During the operation of our meta-searchengines we have learnt that the design of user-interfaces is a continuous process which never ends. Both sides (the user and the maintainer) learn over time. A year ago, about 75% of our users queried with a single searchword. This is often not suitable, because a single word can not sufficiently describe the problem in many cases. Now just 50% ask with a single word, the other half uses two and more words to describe their search.

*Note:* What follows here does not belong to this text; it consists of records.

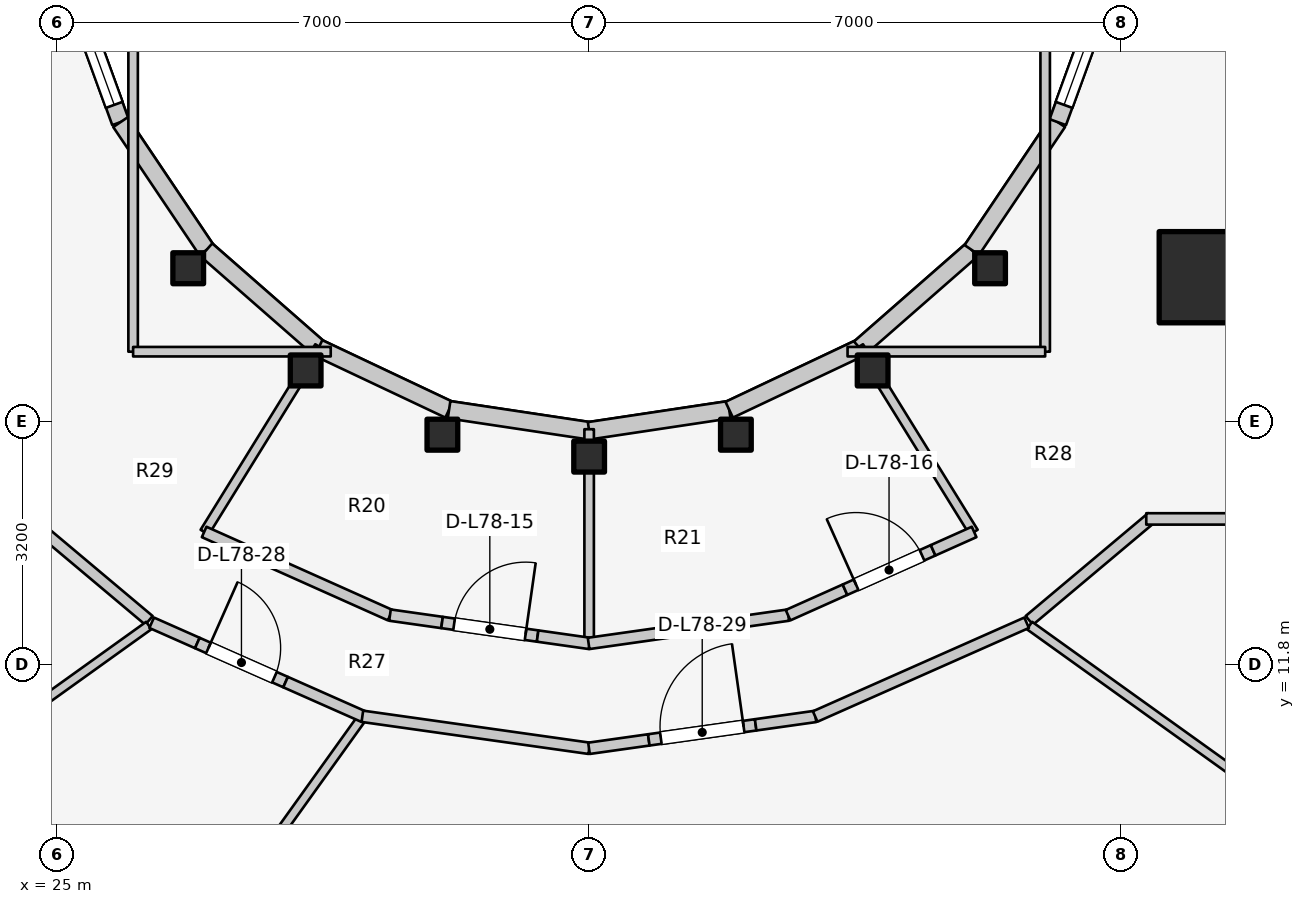
"""IFC4 building model, lengths in metres.
Left out: names, types, materials, properties, quantities, classifications, styles, units other than length and angle.
Written with IfcOpenShell. Run it as: python <this file> out.ifc"""

import sys

from ifc_helpers import new_model, si_unit, direction, frame, frame_2d, origin, origin_2d, place, context, subcontext, project, spatial, rectangle, i_section, extrude, element, fill, save


model = new_model("IFC4")
c1 = context("Model", 3, precision=1e-05, world=origin(), true_north=direction((0.0, 1.0)))
c2 = subcontext(c1, "Body", "Model", "MODEL_VIEW")
j1 = project(units=[si_unit("LENGTHUNIT", "METRE"), si_unit("PLANEANGLEUNIT", "RADIAN")], contexts=[c1])
p1 = place(None, origin())
s1 = spatial("IfcSite", under=j1, at=p1, CompositionType="ELEMENT")
p2 = place(p1, origin())
s2 = spatial("IfcBuilding", under=s1, at=p2, CompositionType="ELEMENT")
p3 = place(p2, frame((0.0, 0.0, 256.8)))
s3 = spatial("IfcBuildingStorey", under=s2, at=p3, CompositionType="ELEMENT", Elevation=256.8)
p4 = place(p3, frame((39.85, 16.55, 0.0), z_axis=(0.0, 0.0, 1.0), x_axis=(1.0, 0.0, 0.0)))
e1 = element("IfcWall", 1, at=p4, inside=s3, PredefinedType="SHEAR", context=c2, shape_type="SweptSolid", body=[
    extrude(rectangle(XDim=4.5, YDim=0.45, at=frame_2d((2.25, 0.0))), origin(), (0.0, 0.0, 1.0), 3.6),
])
p5 = place(p3, frame((40.1, 16.9, 0.0), z_axis=(0.0, 0.0, 1.0), x_axis=(1.0, 0.0, 0.0)))
e2 = element("IfcColumn", 2, at=p5, inside=s3, PredefinedType="COLUMN", context=c2, shape_type="SweptSolid", body=[
    extrude(rectangle(XDim=1.2, YDim=1.2, at=origin_2d()), origin(), (0.0, 0.0, 1.0), 3.6),
])
for number, where, z_axis, x_axis in (
    (3, (26.725, 17.018, 0.0), (0.0, 0.0, 1.0), (1.0, 0.0, 0.0)),
    (4, (28.27, 15.673, 0.0), (0.0, 0.0, 1.0), (1.0, 0.0, 0.0)),
    (5, (30.069, 14.828, 0.0), (0.0, 0.0, 1.0), (1.0, 0.0, 0.0)),
    (6, (32.0, 14.54, 0.0), (0.0, 0.0, 1.0), (1.0, 0.0, 0.0)),
    (7, (33.931, 14.828, 0.0), (0.0, 0.0, 1.0), (1.0, 0.0, 0.0)),
    (8, (35.73, 15.673, 0.0), (0.0, 0.0, 1.0), (1.0, 0.0, 0.0)),
    (9, (37.275, 17.018, 0.0), (0.0, 0.0, 1.0), (1.0, 0.0, 0.0)),
):
    element("IfcColumn", number, at=place(p3, frame(where, z_axis=z_axis, x_axis=x_axis)), inside=s3, PredefinedType="COLUMN", context=c2, shape_type="SweptSolid", body=[
        extrude(i_section(OverallWidth=0.404, OverallDepth=0.407, WebThickness=0.027, FlangeThickness=0.044, FilletRadius=0.025, at=origin_2d()), origin(), (0.0, 0.0, 1.0), 3.6),
    ])
p6 = place(p3, frame((25.123, 20.898, 0.0), z_axis=(0.0, 0.0, 1.0), x_axis=(0.341423187295, -0.93990968033, 0.0)))
e10 = element("IfcWall", 10, at=p6, inside=s3, PredefinedType="STANDARD", context=c2, shape_type="SweptSolid", body=[
    extrude(rectangle(XDim=2.084, YDim=0.23, at=frame_2d((1.042, 0.0))), origin(), (0.0, 0.0, 1.0), 3.06),
])
p7 = place(p6, frame((0.242, 0.0, 0.85)))
e11 = element("IfcOpeningElement", 11, at=p7, cuts=e10, PredefinedType="OPENING", context=c2, shape_type="SweptSolid", body=[
    extrude(rectangle(XDim=1.6, YDim=1.65, at=frame_2d((0.8, 0.825))), frame((0.0, 0.125, 0.0), z_axis=(0.0, -1.0, 0.0), x_axis=(1.0, 0.0, 0.0)), (0.0, 0.0, 1.0), 0.25),
])
p8 = place(p3, frame((25.834, 18.94, 0.0), z_axis=(0.0, 0.0, 1.0), x_axis=(0.558197800898, -0.829707909492, 0.0)))
e12 = element("IfcWall", 12, at=p8, inside=s3, PredefinedType="STANDARD", context=c2, shape_type="SweptSolid", body=[
    extrude(rectangle(XDim=2.027, YDim=0.23, at=frame_2d((1.013, 0.0))), origin(), (0.0, 0.0, 1.0), 1.72),
])
p9 = place(p3, frame((26.965, 17.258, 0.0), z_axis=(0.0, 0.0, 1.0), x_axis=(0.752576694707, -0.658504607869, 0.0)))
e13 = element("IfcWall", 13, at=p9, inside=s3, PredefinedType="STANDARD", context=c2, shape_type="SweptSolid", body=[
    extrude(rectangle(XDim=1.959, YDim=0.23, at=frame_2d((0.98, 0.0))), origin(), (0.0, 0.0, 1.0), 1.72),
])
p10 = place(p3, frame((28.44, 15.968, 0.0), z_axis=(0.0, 0.0, 1.0), x_axis=(0.904179699603, -0.427152280606, 0.0)))
e14 = element("IfcWall", 14, at=p10, inside=s3, PredefinedType="STANDARD", context=c2, shape_type="SweptSolid", body=[
    extrude(rectangle(XDim=1.899, YDim=0.23, at=frame_2d((0.95, 0.0))), origin(), (0.0, 0.0, 1.0), 1.72),
])
for number, where, z_axis, x_axis in (
    (15, (30.157, 15.157, 0.0), (0.0, 0.0, 1.0), (0.989, -0.149, 0.0)),
    (16, (32.0, 14.88, 0.0), (0.0, 0.0, 1.0), (0.989, 0.149, 0.0)),
):
    element("IfcWall", number, at=place(p3, frame(where, z_axis=z_axis, x_axis=x_axis)), inside=s3, PredefinedType="STANDARD", context=c2, shape_type="SweptSolid", body=[
        extrude(rectangle(XDim=1.864, YDim=0.23, at=frame_2d((0.932, 0.0))), origin(), (0.0, 0.0, 1.0), 1.72),
    ])
p11 = place(p3, frame((33.843, 15.157, 0.0), z_axis=(0.0, 0.0, 1.0), x_axis=(0.904179699603, 0.427152280606, 0.0)))
e17 = element("IfcWall", 17, at=p11, inside=s3, PredefinedType="STANDARD", context=c2, shape_type="SweptSolid", body=[
    extrude(rectangle(XDim=1.899, YDim=0.23, at=frame_2d((0.95, 0.0))), origin(), (0.0, 0.0, 1.0), 1.72),
])
p12 = place(p3, frame((35.56, 15.968, 0.0), z_axis=(0.0, 0.0, 1.0), x_axis=(0.752576694707, 0.658504607869, 0.0)))
e18 = element("IfcWall", 18, at=p12, inside=s3, PredefinedType="STANDARD", context=c2, shape_type="SweptSolid", body=[
    extrude(rectangle(XDim=1.959, YDim=0.23, at=frame_2d((0.98, 0.0))), origin(), (0.0, 0.0, 1.0), 1.72),
])
p13 = place(p3, frame((37.035, 17.258, 0.0), z_axis=(0.0, 0.0, 1.0), x_axis=(0.558197800898, 0.829707909492, 0.0)))
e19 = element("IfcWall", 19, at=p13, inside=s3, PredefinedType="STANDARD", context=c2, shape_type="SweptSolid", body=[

Another experience we have made is that about 95% of the users do not change any of the default options. We did not expect this to happen. Therefore, in the beginning, we created numerous options relying upon the user choosing his optimum environment. When we saw the users lack of doing this, we had to change our defaults so that they fit to most of the queries. What the user really wants to know can be recognized most often by an experienced person just by looking at the user's query. A really good user interface should react to the user's question in terms of a natural language. An optimum interface should lead "by itself" (i.e. by a dialog with the user) to the necessary quality of the results. Presently we are in the process of negotiating an offer to incorporate such software.
The quality of the results we deliver yet are gained by two means: the QuickTips described above, which are under our direct control. Secondly we do not rely upon the ranking of the underlying searchengines only, but in addition combine these with our own ranking. Our ranking is based on word counts within title, URL and description of the hits. We mix up these numbers by our ranking algorithms und present the results in the order of ranking numbers within five categories, marked by different colors. Especially the usage of the colors to distinguish the quality (the more red, the "hotter"/better the quality) was accepted well by our users.
This all lead us to the statement: Only the combination of the two factors completeness and quality will result in Internet information really searched for by the user.